The commented out functions make this a little less obvious, but the idea is to keep track of your model performance as you iterate through your folds and at the end provide either those lower level performance metrics or an averaged global performance. For example:
The train_evaluate function ideally would output some accuracy score for each split, which could be combined at the end.
def train_evaluate(model, x_train, y_train, x_test, y_test):
model.fit(x_train, y_train)
return model.score(x_test, y_test)
X, Y = load_model()
kFold = StratifiedKFold(n_splits=10)
scores = np.zeros(10)
idx = 0
for train, test in kFold.split(X, Y):
model = create_model()
scores[idx] = train_evaluate(model, X[train], Y[train], X[test], Y[test])
idx += 1
print(scores)
print(scores.mean())
So yes you do want to create a new model for each fold as the purpose of this exercise is to determine how your model as it is designed performs on all segments of the data, not just one particular segment that may or may not allow the model to perform well.
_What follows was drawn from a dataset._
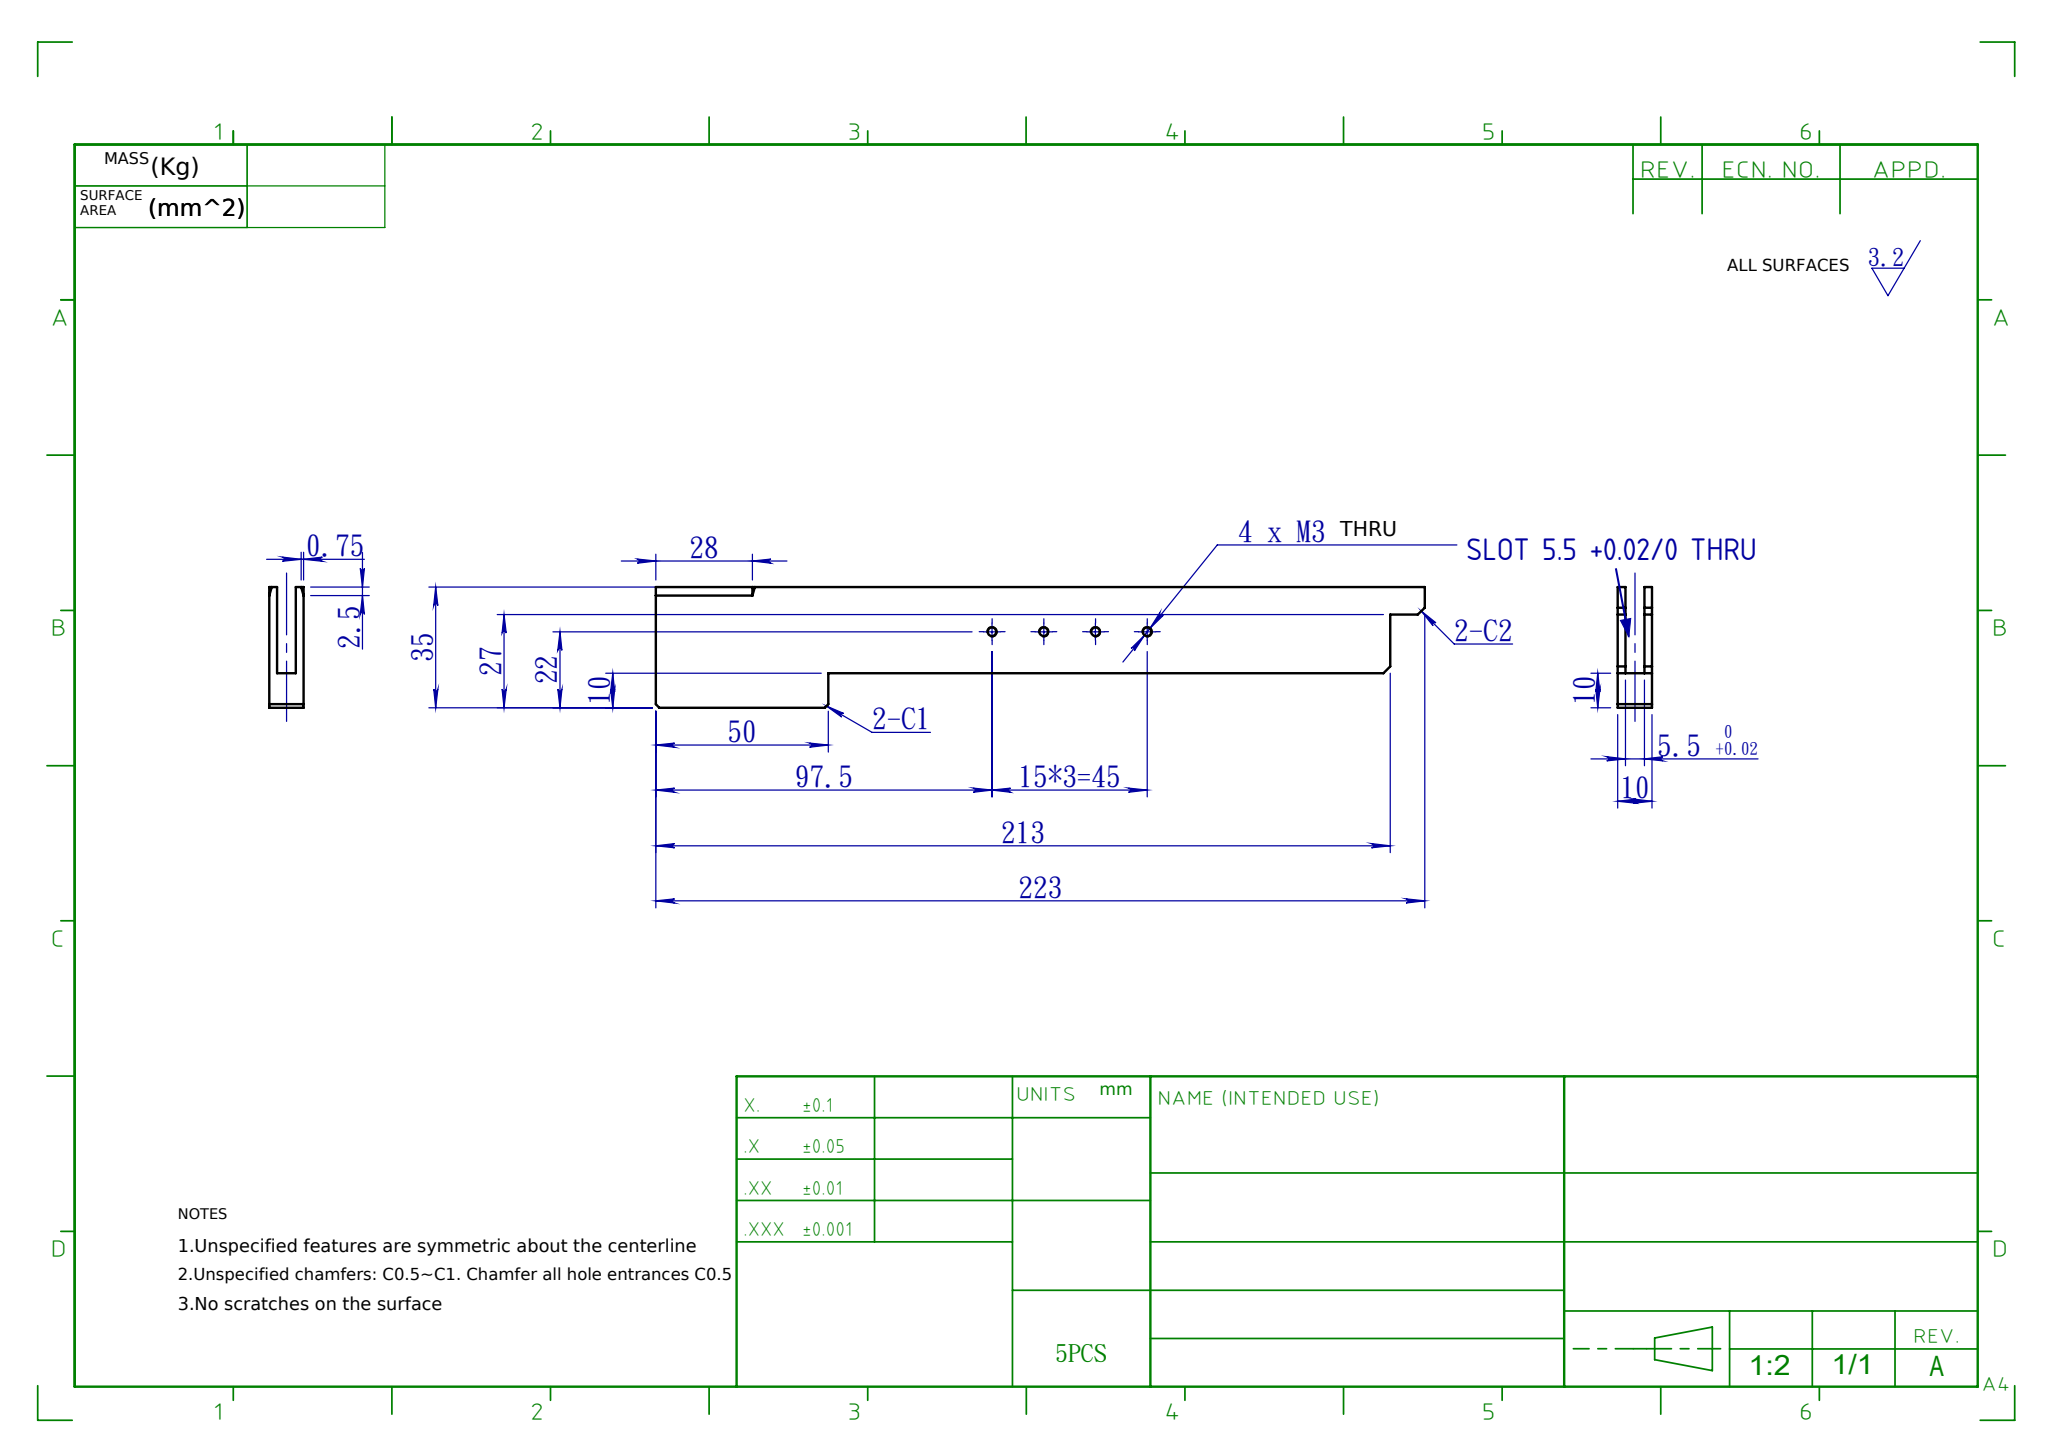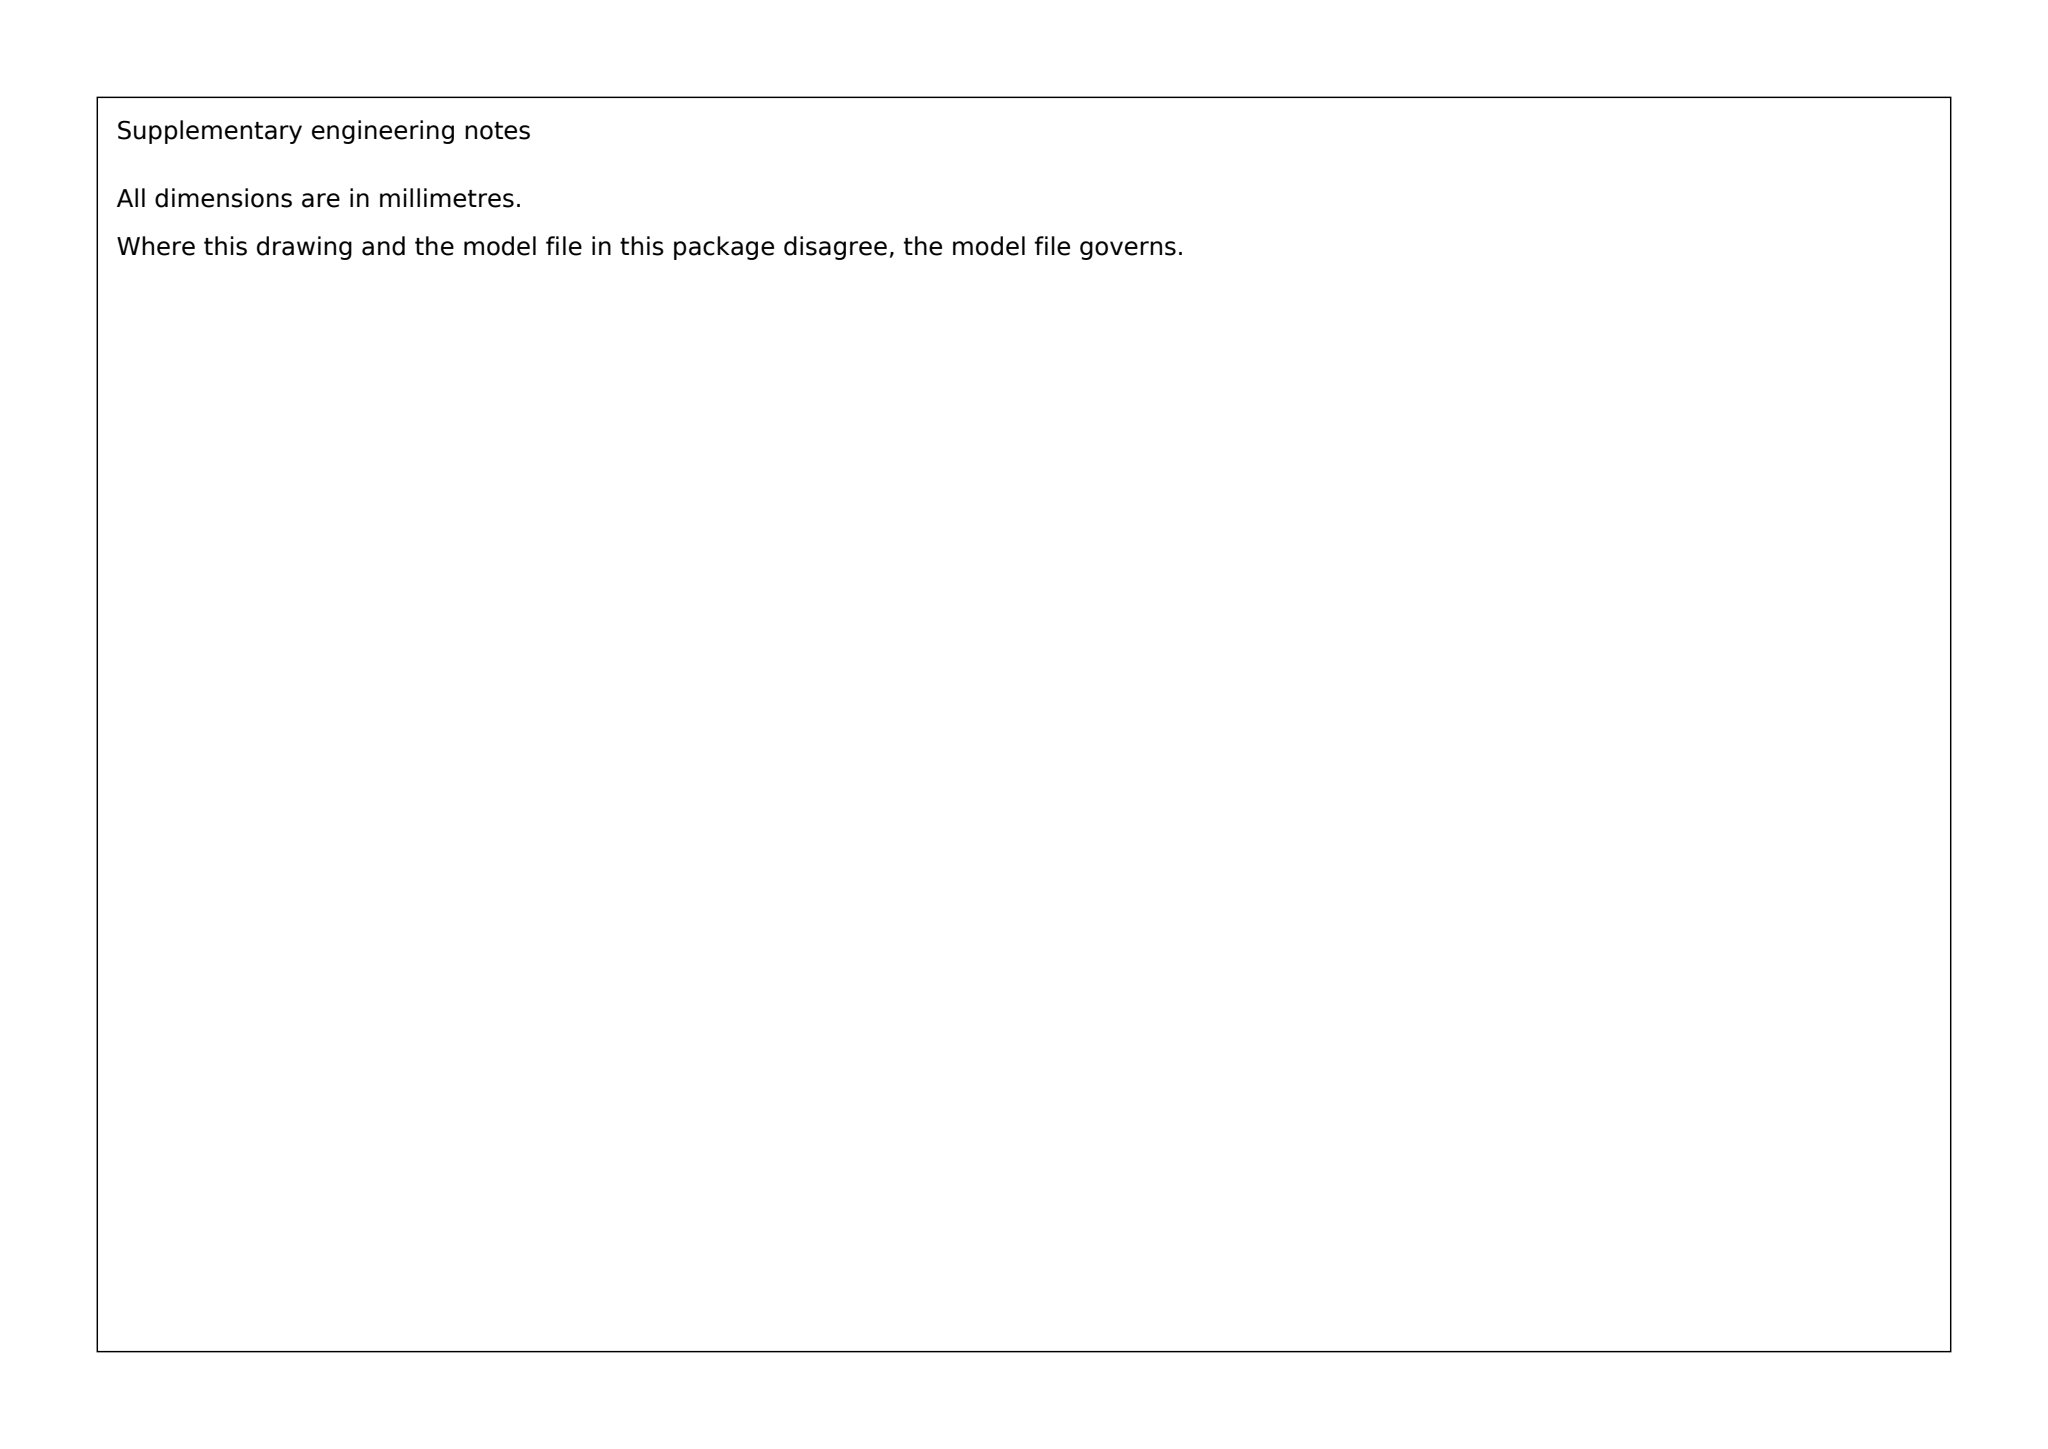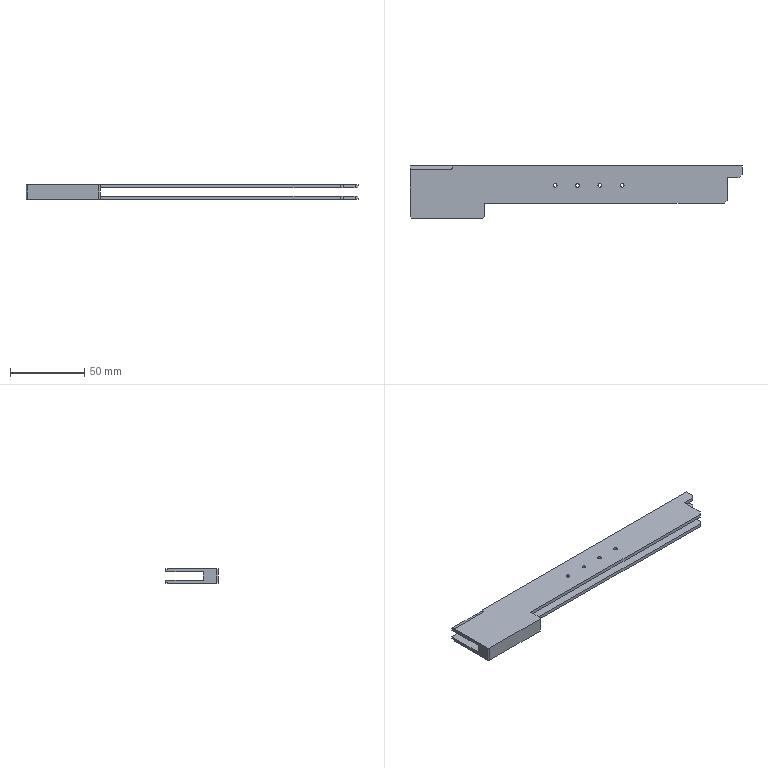Part | SolidWorks | mm | 1 solid | 44 faces | box 223 x 35 x 10 mm | volume 29153 mm3 | plane 28 | cylinder 16 | commonest cylinder face diameters 2.5 x16
Drawing notes:
SLOT WIDTH 5.5 +0.02/0 THRU, 2.3 FROM EACH FACE | from the solid: z-planes at 2.3 and 7.8 over y 10-35 give slot width 5.5; part thk 10

This type of approach becomes particularly powerful when applied along with a grid search over hyperparameters. In this approach you train a model with varying hyperparameters using the cross validation splits and keep track of the performance on splits and overall. In the end you will be able to get a much better idea of which hyperparameters allow the model to perform best. For a much more in depth explanation see sklearn Model Selection and pay particular attention to the sections of Cross Validation and Grid Search.